Charles Pearson, Doctoral Candidate, University of California - Davis

This project addresses the production of a libertarian-conservative network politics by way of the Tea Party movement in the United States. The advent of social media and participatory networks has been heralded by a wide range of academic and popular critics as challenging and disrupting modernist logics and forms. Accordingly, a distinctive, multi-disciplinary body of work has emerged detailing new technosocial forms, subjectivities, and ethical imaginations which deconstruct doctrines of natural rights, subjectivities, and territories to emphasize the networked relationality of subjects and objects. Yet, propelled by a profound sense of estrangement and ambivalence toward emerging global forms and logics, Tea Party activists experimented with a participatory, if exclusionary, network politics emphasizing absolutist doctrines of nation and individual. It is a project, as one activist told me, “to create a new public order”. 

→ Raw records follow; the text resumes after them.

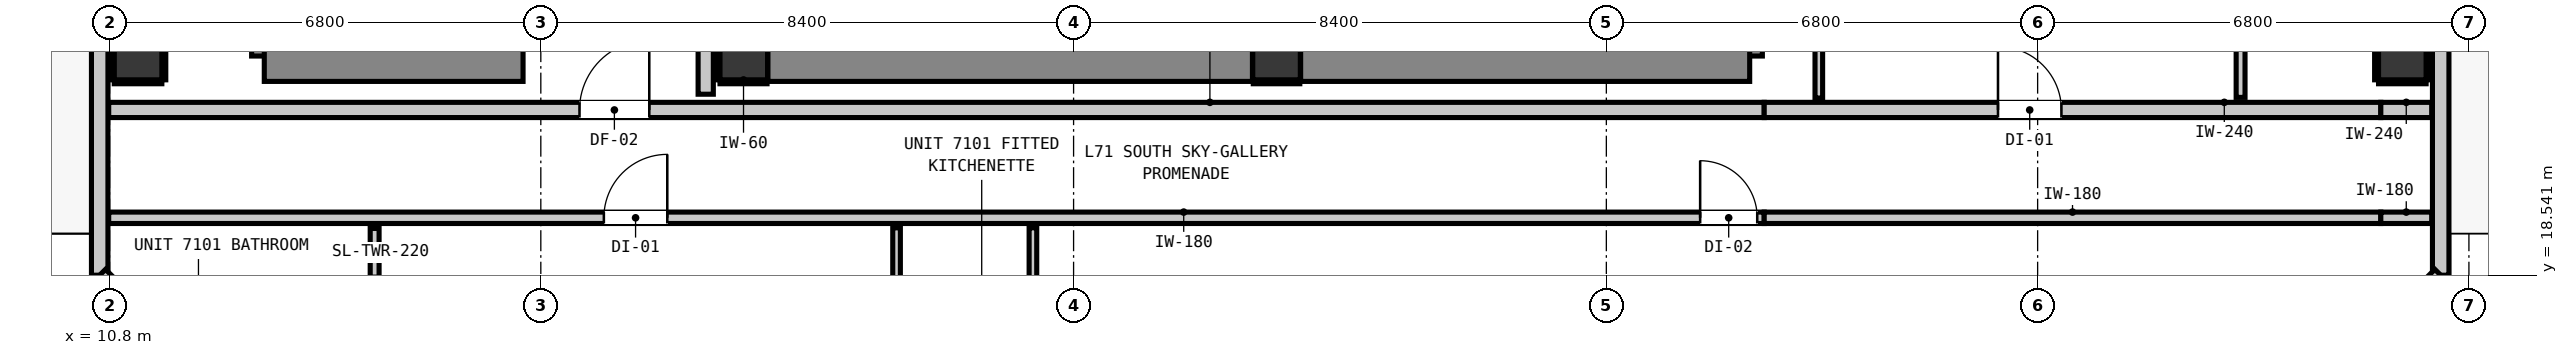
"""IFC4 building model, lengths in metres.
Left out: names, types, materials, properties, quantities, classifications, styles, units other than length and angle.
Written with IfcOpenShell. Run it as: python <this file> out.ifc"""

import sys

from ifc_helpers import new_model, si_unit, direction, frame, frame_2d, origin, origin_2d, place, context, subcontext, project, spatial, rectangle, extrude, element, fill, save


model = new_model("IFC4")
c1 = context("Model", 3, precision=1e-05, world=origin(), true_north=direction((0.0, 1.0)))
c2 = subcontext(c1, "Body", "Model", "MODEL_VIEW")
j1 = project(units=[si_unit("LENGTHUNIT", "METRE"), si_unit("PLANEANGLEUNIT", "RADIAN")], contexts=[c1])
p1 = place(None, origin())
s1 = spatial("IfcSite", under=j1, at=p1, CompositionType="ELEMENT")
p2 = place(p1, origin())
s2 = spatial("IfcBuilding", under=s1, at=p2, CompositionType="ELEMENT")
p3 = place(p2, frame((0.0, 0.0, 244.56)))
s3 = spatial("IfcBuildingStorey", under=s2, at=p3, CompositionType="ELEMENT", Elevation=244.56)
for number, where, z_axis, x_axis in (
    (1, (20.8, 22.0, 0.0), (0.0, 0.0, 1.0), (1.0, 0.0, 0.0)),
    (2, (29.2, 22.0, 0.0), (0.0, 0.0, 1.0), (1.0, 0.0, 0.0)),
):
    element("IfcColumn", number, at=place(p3, frame(where, z_axis=z_axis, x_axis=x_axis)), inside=s3, PredefinedType="COLUMN", context=c2, shape_type="SweptSolid", body=[
        extrude(rectangle(XDim=0.75, YDim=0.75, at=origin_2d()), origin(), (0.0, 0.0, 1.0), 3.32),
    ])
p4 = place(p3, frame((13.44, 22.0, 0.0), z_axis=(0.0, 0.0, 1.0), x_axis=(0.0, 1.0, 0.0)))
e3 = element("IfcWall", 3, at=p4, inside=s3, PredefinedType="SHEAR", context=c2, shape_type="SweptSolid", body=[
    extrude(rectangle(XDim=8.32, YDim=0.8, at=frame_2d((4.16, 0.0))), origin(), (0.0, 0.0, 1.0), 3.32),
])
p5 = place(p3, frame((13.24, 22.0, 0.0), z_axis=(0.0, 0.0, 1.0), x_axis=(1.0, 0.0, 0.0)))
e4 = element("IfcWall", 4, at=p5, inside=s3, PredefinedType="SHEAR", context=c2, shape_type="SweptSolid", body=[
    extrude(rectangle(XDim=4.08, YDim=0.8, at=frame_2d((2.04, 0.0))), origin(), (0.0, 0.0, 1.0), 3.32),
])
p6 = place(p3, frame((36.46, 22.0, 0.0), z_axis=(0.0, 0.0, 1.0), x_axis=(0.0, 1.0, 0.0)))
e5 = element("IfcWall", 5, at=p6, inside=s3, PredefinedType="SHEAR", context=c2, shape_type="SweptSolid", body=[
    extrude(rectangle(XDim=8.32, YDim=0.8, at=frame_2d((4.16, 0.0))), origin(), (0.0, 0.0, 1.0), 3.32),
])
p7 = place(p3, frame((29.58, 22.0, 0.0), z_axis=(0.0, 0.0, 1.0), x_axis=(1.0, 0.0, 0.0)))
e6 = element("IfcWall", 6, at=p7, inside=s3, PredefinedType="SHEAR", context=c2, shape_type="SweptSolid", body=[
    extrude(rectangle(XDim=7.08, YDim=0.8, at=frame_2d((3.54, 0.0))), origin(), (0.0, 0.0, 1.0), 3.32),
])
p8 = place(p3, frame((21.18, 22.0, 0.0), z_axis=(0.0, 0.0, 1.0), x_axis=(1.0, 0.0, 0.0)))
e7 = element("IfcWall", 7, at=p8, inside=s3, PredefinedType="SHEAR", context=c2, shape_type="SweptSolid", body=[
    extrude(rectangle(XDim=7.64, YDim=0.8, at=frame_2d((3.82, 0.0))), origin(), (0.0, 0.0, 1.0), 3.32),
])
for number, where, z_axis, x_axis in (
    (8, (11.25, 22.0, 0.0), (0.0, 0.0, 1.0), (1.0, 0.0, 0.0)),
    (9, (46.95, 22.0, 0.0), (0.0, 0.0, 1.0), (1.0, 0.0, 0.0)),
):
    element("IfcColumn", number, at=place(p3, frame(where, z_axis=z_axis, x_axis=x_axis)), inside=s3, PredefinedType="COLUMN", context=c2, shape_type="SweptSolid", body=[
        extrude(rectangle(XDim=0.75, YDim=0.75, at=origin_2d()), origin(), (0.0, 0.0, 1.0), 3.32),
    ])
p9 = place(p3, frame((10.645, 18.545, 0.0), z_axis=(0.0, 0.0, 1.0), x_axis=(0.0, 1.0, 0.0)))
e10 = element("IfcWall", 10, at=p9, inside=s3, PredefinedType="STANDARD", context=c2, shape_type="SweptSolid", body=[
    extrude(rectangle(XDim=30.31, YDim=0.26, at=frame_2d((15.155, 0.0))), origin(), (0.0, 0.0, 1.0), 3.1),
])
p10 = place(p9, frame((24.171, 0.0, 0.0)))
e11 = element("IfcOpeningElement", 11, at=p10, cuts=e10, PredefinedType="OPENING", context=c2, shape_type="SweptSolid", body=[
    extrude(rectangle(XDim=1.0, YDim=2.15, at=frame_2d((0.5, 1.075))), frame((0.0, 0.14, 0.0), z_axis=(0.0, -1.0, 0.0), x_axis=(1.0, 0.0, 0.0)), (0.0, 0.0, 1.0), 0.28),
])
p11 = place(p9, frame((27.195, 0.0, 0.85)))
e12 = element("IfcOpeningElement", 12, at=p11, cuts=e10, PredefinedType="OPENING", context=c2, shape_type="SweptSolid", body=[
    extrude(rectangle(XDim=1.2, YDim=1.8, at=frame_2d((0.6, 0.9))), frame((0.0, 0.14, 0.0), z_axis=(0.0, -1.0, 0.0), x_axis=(1.0, 0.0, 0.0)), (0.0, 0.0, 1.0), 0.28),
])
p12 = place(p3, frame((47.555, 48.855, 0.0), z_axis=(0.0, 0.0, 1.0), x_axis=(0.0, -1.0, 0.0)))
e13 = element("IfcWall", 13, at=p12, inside=s3, PredefinedType="STANDARD", context=c2, shape_type="SweptSolid", body=[
    extrude(rectangle(XDim=30.31, YDim=0.26, at=frame_2d((15.155, 0.0))), origin(), (0.0, 0.0, 1.0), 3.1),
])
p13 = place(p12, frame((3.729, 0.0, 0.0)))
e14 = element("IfcOpeningElement", 14, at=p13, cuts=e13, PredefinedType="OPENING", context=c2, shape_type="SweptSolid", body=[
    extrude(rectangle(XDim=1.0, YDim=2.15, at=frame_2d((0.5, 1.075))), frame((0.0, 0.14, 0.0), z_axis=(0.0, -1.0, 0.0), x_axis=(1.0, 0.0, 0.0)), (0.0, 0.0, 1.0), 0.28),
])
for number, where, z_axis, x_axis in (
    (15, (47.555, 18.545, 0.0), (0.0, 0.0, 1.0), (-0.707, -0.707, 0.0)),
    (16, (12.745, 16.445, 0.0), (0.0, 0.0, 1.0), (-0.707, 0.707, 0.0)),
):
    element("IfcWall", number, at=place(p3, frame(where, z_axis=z_axis, x_axis=x_axis)), inside=s3, PredefinedType="STANDARD", context=c2, shape_type="SweptSolid", body=[
        extrude(rectangle(XDim=2.97, YDim=0.26, at=frame_2d((1.485, 0.0))), origin(), (0.0, 0.0, 1.0), 3.1),
    ])
p14 = place(p3, frame((10.787, 21.15, 0.0), z_axis=(0.0, 0.0, 1.0), x_axis=(1.0, 0.0, 0.0)))
e17 = element("IfcWall", 17, at=p14, inside=s3, PredefinedType="PARTITIONING", context=c2, shape_type="SweptSolid", body=[
    extrude(rectangle(XDim=26.102, YDim=0.24, at=frame_2d((13.051, 0.0))), origin(), (0.0, 0.0, 1.0), 3.1),
])
p15 = place(p14, frame((7.423, 0.0, 0.0)))
e18 = element("IfcOpeningElement", 18, at=p15, cuts=e17, PredefinedType="OPENING", context=c2, shape_type="SweptSolid", body=[
    extrude(rectangle(XDim=1.1, YDim=2.15, at=frame_2d((0.55, 1.075))), frame((0.0, 0.13, 0.0), z_axis=(0.0, -1.0, 0.0), x_axis=(1.0, 0.0, 0.0)), (0.0, 0.0, 1.0), 0.26),
])
p16 = place(p3, frame((36.889, 21.15, 0.0), z_axis=(0.0, 0.0, 1.0), x_axis=(1.0, 0.0, 0.0)))
e19 = element("IfcWall", 19, at=p16, inside=s3, PredefinedType="PARTITIONING", context=c2, shape_type="SweptSolid", body=[
    extrude(rectangle(XDim=9.722, YDim=0.24, at=frame_2d((4.861, 0.0))), origin(), (0.0, 0.0, 1.0), 2.477),
])
p17 = place(p16, frame((3.686, 0.0, 0.0)))
e20 = element("IfcOpeningElement", 20, at=p17, cuts=e19, PredefinedType="OPENING", context=c2, shape_type="SweptSolid", body=[
    extrude(rectangle(XDim=1.0, YDim=2.15, at=frame_2d((0.5, 1.075))), frame((0.0, 0.13, 0.0), z_axis=(0.0, -1.0, 0.0), x_axis=(1.0, 0.0, 0.0)), (0.0, 0.0, 1.0), 0.26),
])
p18 = place(p3, frame((46.611, 21.15, 0.0), z_axis=(0.0, 0.0, 1.0), x_axis=(1.0, 0.0, 0.0)))
e21 = element("IfcWall", 21, at=p18, inside=s3, PredefinedType="PARTITIONING", context=c2, shape_type="SweptSolid", body=[
    extrude(rectangle(XDim=0.802, YDim=0.24, at=frame_2d((0.401, 0.0))), origin(), (0.0, 0.0, 1.0), 3.1),
])
p19 = place(p3, frame((10.787, 19.45, 0.0), z_axis=(0.0, 0.0, 1.0), x_axis=(1.0, 0.0, 0.0)))
e22 = element("IfcWall", 22, at=p19, inside=s3, PredefinedType="PARTITIONING", context=c2, shape_type="SweptSolid", body=[
    extrude(rectangle(XDim=26.102, YDim=0.18, at=frame_2d((13.051, 0.0))), origin(), (0.0, 0.0, 1.0), 3.1),
])
p20 = place(p19, frame((7.807, 0.0, 0.0)))
e23 = element("IfcOpeningElement", 23, at=p20, cuts=e22, PredefinedType="OPENING", context=c2, shape_type="SweptSolid", body=[
    extrude(rectangle(XDim=1.0, YDim=2.15, at=frame_2d((0.5, 1.075))), frame((0.0, 0.1, 0.0), z_axis=(0.0, -1.0, 0.0), x_axis=(1.0, 0.0, 0.0)), (0.0, 0.0, 1.0), 0.2),
])
p21 = place(p19, frame((25.092, 0.0, 0.0)))
e24 = element("IfcOpeningElement", 24, at=p21, cuts=e22, PredefinedType="OPENING", context=c2, shape_type="SweptSolid", body=[
    extrude(rectangle(XDim=0.9, YDim=2.1, at=frame_2d((0.45, 1.05))), frame((0.0, 0.1, 0.0), z_axis=(0.0, -1.0, 0.0), x_axis=(1.0, 0.0, 0.0)), (0.0, 0.0, 1.0), 0.2),
])
p22 = place(p3, frame((36.889, 19.45, 0.0), z_axis=(0.0, 0.0, 1.0), x_axis=(1.0, 0.0, 0.0)))
e25 = element("IfcWall", 25, at=p22, inside=s3, PredefinedType="PARTITIONING", context=c2, shape_type="SweptSolid", body=[
    extrude(rectangle(XDim=9.722, YDim=0.18, at=frame_2d((4.861, 0.0))), origin(), (0.0, 0.0, 1.0), 2.477),
])
p23 = place(p3, frame((46.611, 19.45, 0.0), z_axis=(0.0, 0.0, 1.0), x_axis=(1.0, 0.0, 0.0)))
e26 = element("IfcWall", 26, at=p23, inside=s3, PredefinedType="PARTITIONING", context=c2, shape_type="SweptSolid", body=[
    extrude(rectangle(XDim=0.802, YDim=0.18, at=frame_2d((0.401, 0.0))), origin(), (0.0, 0.0, 1.0), 3.1),
])
p24 = place(p3, frame((20.2, 21.398, 0.0), z_axis=(0.0, 0.0, 1.0), x_axis=(0.0, 1.0, 0.0)))
e27 = element("IfcWall", 27, at=p24, inside=s3, PredefinedType="PARTITIONING", context=c2, shape_type="SweptSolid", body=[
    extrude(rectangle(XDim=6.754, YDim=0.24, at=frame_2d((3.377, 0.0))), origin(), (0.0, 0.0, 1.0), 3.1),
])
p25 = place(p3, frame((14.98, 16.587, 0.0), z_axis=(0.0, 0.0, 1.0), x_axis=(0.0, 1.0, 0.0)))
e28 = element("IfcWall", 28, at=p25, inside=s3, PredefinedType="PARTITIONING", context=c2, shape_type="SweptSolid", body=[
    extrude(rectangle(XDim=2.695, YDim=0.14, at=frame_2d((1.348, 0.0))), origin(), (0.0, 0.0, 1.0), 3.1),
])
p26 = place(p25, frame((1.088, 0.0, 0.0)))
e29 = element("IfcOpeningElement", 29, at=p26, cuts=e28, PredefinedType="OPENING", context=c2, shape_type="SweptSolid", body=[
    extrude(rectangle(XDim=0.86, YDim=2.02, at=frame_2d((0.43, 1.01))), frame((0.0, 0.08, 0.0), z_axis=(0.0, -1.0, 0.0), x_axis=(1.0, 0.0, 0.0)), (0.0, 0.0, 1.0), 0.16),
])
p27 = place(p3, frame((44.4, 21.348, 0.0), z_axis=(0.0, 0.0, 1.0), x_axis=(0.0, 1.0, 0.0)))
e30 = element("IfcWall", 30, at=p27, inside=s3, PredefinedType="PARTITIONING", context=c2, shape_type="SweptSolid", body=[
    extrude(rectangle(XDim=5.304, YDim=0.14, at=frame_2d((2.652, 0.0))), origin(), (0.0, 0.0, 1.0), 3.1),
])
p28 = place(p27, frame((2.19, 0.0, 0.0)))
e31 = element("IfcOpeningElement", 31, at=p28, cuts=e30, PredefinedType="OPENING", context=c2, shape_type="SweptSolid", body=[
    extrude(rectangle(XDim=0.9, YDim=2.1, at=frame_2d((0.45, 1.05))), frame((0.0, 0.08, 0.0), z_axis=(0.0, -1.0, 0.0), x_axis=(1.0, 0.0, 0.0)), (0.0, 0.0, 1.0), 0.16),
])
p29 = place(p3, frame((23.209, 16.587, 0.0), z_axis=(0.0, 0.0, 1.0), x_axis=(0.0, 1.0, 0.0)))
e32 = element("IfcWall", 32, at=p29, inside=s3, PredefinedType="PARTITIONING", context=c2, shape_type="SweptSolid", body=[
    extrude(rectangle(XDim=2.705, YDim=0.12, at=frame_2d((1.353, 0.0))), origin(), (0.0, 0.0, 1.0), 3.1),
])
p30 = place(p29, frame((0.988, 0.0, 0.0)))
e33 = element("IfcOpeningElement", 33, at=p30, cuts=e32, PredefinedType="OPENING", context=c2, shape_type="SweptSolid", body=[
    extrude(rectangle(XDim=0.9, YDim=2.1, at=frame_2d((0.45, 1.05))), frame((0.0, 0.07, 0.0), z_axis=(0.0, -1.0, 0.0), x_axis=(1.0, 0.0, 0.0)), (0.0, 0.0, 1.0), 0.14),
])
p31 = place(p3, frame((25.359, 16.587, 0.0), z_axis=(0.0, 0.0, 1.0), x_axis=(0.0, 1.0, 0.0)))
e34 = element("IfcWall", 34, at=p31, inside=s3, PredefinedType="PARTITIONING", context=c2, shape_type="SweptSolid", body=[
    extrude(rectangle(XDim=2.705, YDim=0.12, at=frame_2d((1.353, 0.0))), origin(), (0.0, 0.0, 1.0), 3.1),
])
p32 = place(p3, frame((37.75, 21.338, 0.0), z_axis=(0.0, 0.0, 1.0), x_axis=(0.0, 1.0, 0.0)))
e35 = element("IfcWall", 35, at=p32, inside=s3, PredefinedType="PARTITIONING", context=c2, shape_type="SweptSolid", body=[
    extrude(rectangle(XDim=10.524, YDim=0.12, at=frame_2d((5.262, 0.0))), origin(), (0.0, 0.0, 1.0), 3.1),
])
p33 = place(p3, frame((20.425, 21.593, 0.0), z_axis=(0.0, 0.0, 1.0), x_axis=(1.0, 0.0, 0.0)))
e36 = element("IfcWall", 36, at=p33, inside=s3, PredefinedType="PARTITIONING", context=c2, shape_type="SweptSolid", body=[
    extrude(rectangle(XDim=0.742, YDim=0.06, at=frame_2d((0.371, 0.0))), origin(), (0.0, 0.0, 1.0), 1.45),
])
p34 = place(p3, frame((20.393, 21.625, 0.0), z_axis=(0.0, 0.0, 1.0), x_axis=(0.0, 1.0, 0.0)))
e37 = element("IfcWall", 37, at=p34, inside=s3, PredefinedType="PARTITIONING", context=c2, shape_type="SweptSolid", body=[
    extrude(rectangle(XDim=0.75, YDim=0.06, at=frame_2d((0.375, 0.0))), origin(), (0.0, 0.0, 1.0), 1.45),
])
p35 = place(p3, frame((28.833, 21.593, 0.0), z_axis=(0.0, 0.0, 1.0), x_axis=(1.0, 0.0, 0.0)))
e38 = element("IfcWall", 38, at=p35, inside=s3, PredefinedType="PARTITIONING", context=c2, shape_type="SweptSolid", body=[
    extrude(rectangle(XDim=0.734, YDim=0.06, at=frame_2d((0.367, 0.0))), origin(), (0.0, 0.0, 1.0), 1.45),
])
for number, where, z_axis, x_axis in (
    (39, (10.875, 21.593, 0.0), (0.0, 0.0, 1.0), (1.0, 0.0, 0.0)),
    (40, (10.843, 21.625, 0.0), (0.0, 0.0, 1.0), (0.0, 1.0, 0.0)),
    (41, (11.657, 21.625, 0.0), (0.0, 0.0, 1.0), (0.0, 1.0, 0.0)),
    (42, (46.575, 21.593, 0.0), (0.0, 0.0, 1.0), (1.0, 0.0, 0.0)),
    (43, (46.543, 21.625, 0.0), (0.0, 0.0, 1.0), (0.0, 1.0, 0.0)),
    (44, (47.357, 21.625, 0.0), (0.0, 0.0, 1.0), (0.0, 1.0, 0.0)),
):
    element("IfcWall", number, at=place(p3, frame(where, z_axis=z_axis, x_axis=x_axis)), inside=s3, PredefinedType="PARTITIONING", context=c2, shape_type="SweptSolid", body=[
        extrude(rectangle(XDim=0.75, YDim=0.06, at=frame_2d((0.375, 0.0))), origin(), (0.0, 0.0, 1.0), 1.45),
    ])
p36 = place(p15, origin())
e45 = element("IfcDoor", 45, at=p36, inside=s3, OperationType="SINGLE_SWING_RIGHT", PredefinedType="DOOR", context=c2, shape_type="SweptSolid", body=[
    extrude(rectangle(XDim=1.1, YDim=2.15, at=frame_2d((0.55, 1.075))), frame((0.0, 0.025, 0.0), z_axis=(0.0, -1.0, 0.0), x_axis=(1.0, 0.0, 0.0)), (0.0, 0.0, 1.0), 0.05),
])
fill(e18, e45)
p37 = place(p20, origin())
e46 = element("IfcDoor", 46, at=p37, inside=s3, OperationType="SINGLE_SWING_RIGHT", PredefinedType="DOOR", context=c2, shape_type="SweptSolid", body=[
    extrude(rectangle(XDim=1.0, YDim=2.15, at=frame_2d((0.5, 1.075))), frame((0.0, 0.025, 0.0), z_axis=(0.0, -1.0, 0.0), x_axis=(1.0, 0.0, 0.0)), (0.0, 0.0, 1.0), 0.05),
])
fill(e23, e46)
p38 = place(p21, origin())
e47 = element("IfcDoor", 47, at=p38, inside=s3, OperationType="SINGLE_SWING_LEFT", PredefinedType="DOOR", context=c2, shape_type="SweptSolid", body=[
    extrude(rectangle(XDim=0.9, YDim=2.1, at=frame_2d((0.45, 1.05))), frame((0.0, 0.025, 0.0), z_axis=(0.0, -1.0, 0.0), x_axis=(1.0, 0.0, 0.0)), (0.0, 0.0, 1.0), 0.05),
])
fill(e24, e47)
p39 = place(p17, origin())
e48 = element("IfcDoor", 48, at=p39, inside=s3, OperationType="SINGLE_SWING_LEFT", PredefinedType="DOOR", context=c2, shape_type="SweptSolid", body=[
    extrude(rectangle(XDim=1.0, YDim=2.15, at=frame_2d((0.5, 1.075))), frame((0.0, 0.025, 0.0), z_axis=(0.0, -1.0, 0.0), x_axis=(1.0, 0.0, 0.0)), (0.0, 0.0, 1.0), 0.05),
])
fill(e20, e48)
save(model, sys.argv[1])

It appears increasingly crucial in contemporary political engagement that political movements not only utilize the Internet, but that a movement's own understandings of the media apparatus begin to help form the content of its message. In this sense, linking form and ideology, the social network became the means through which Tea Party activists both effectively organized as well as articulated and demonstrated their vision for re-constituting politics and society. While some have argued that Tea Party organizational forms are rational responses to changing media and political environments, this project conceives the success of Tea Party strategies as being dependent on an ability to evoke or appear to embody absolutist individualist values and ethical judgments in their organizational structures. This experimentation with new social and political forms and subjectivities has resulted in the development of alternative network imaginaries, unsettling popular notions of social media and social networks. 

Further, Tea Party de-centralized politics has presented problems for more traditionally centralized conservative politics and political parties. However, threatened establishment leaders and institutions have re-organized to an extent and are building, in one leader’s terms, a “de-centralized machine”. New strategies and technologies are being developed to encourage, yet manage, interactivity and emergence in open-system environments, and institutions and activists are increasingly linked in more collaborative information networks, with numerous and immediate feedback loops. This project examines these efforts to control the creative capacity of distributed political activists and networks, offering a new dimension into how we think about  power and control in networked environments.

This project relied on participant-observation fieldwork methods. Ethnography was conducted at varying intensity from 2007-2011 in California, in Washington DC, and in a multitude of virtual sites with geographically-distributed activists, bloggers, pundits and more establishment-oriented political operatives.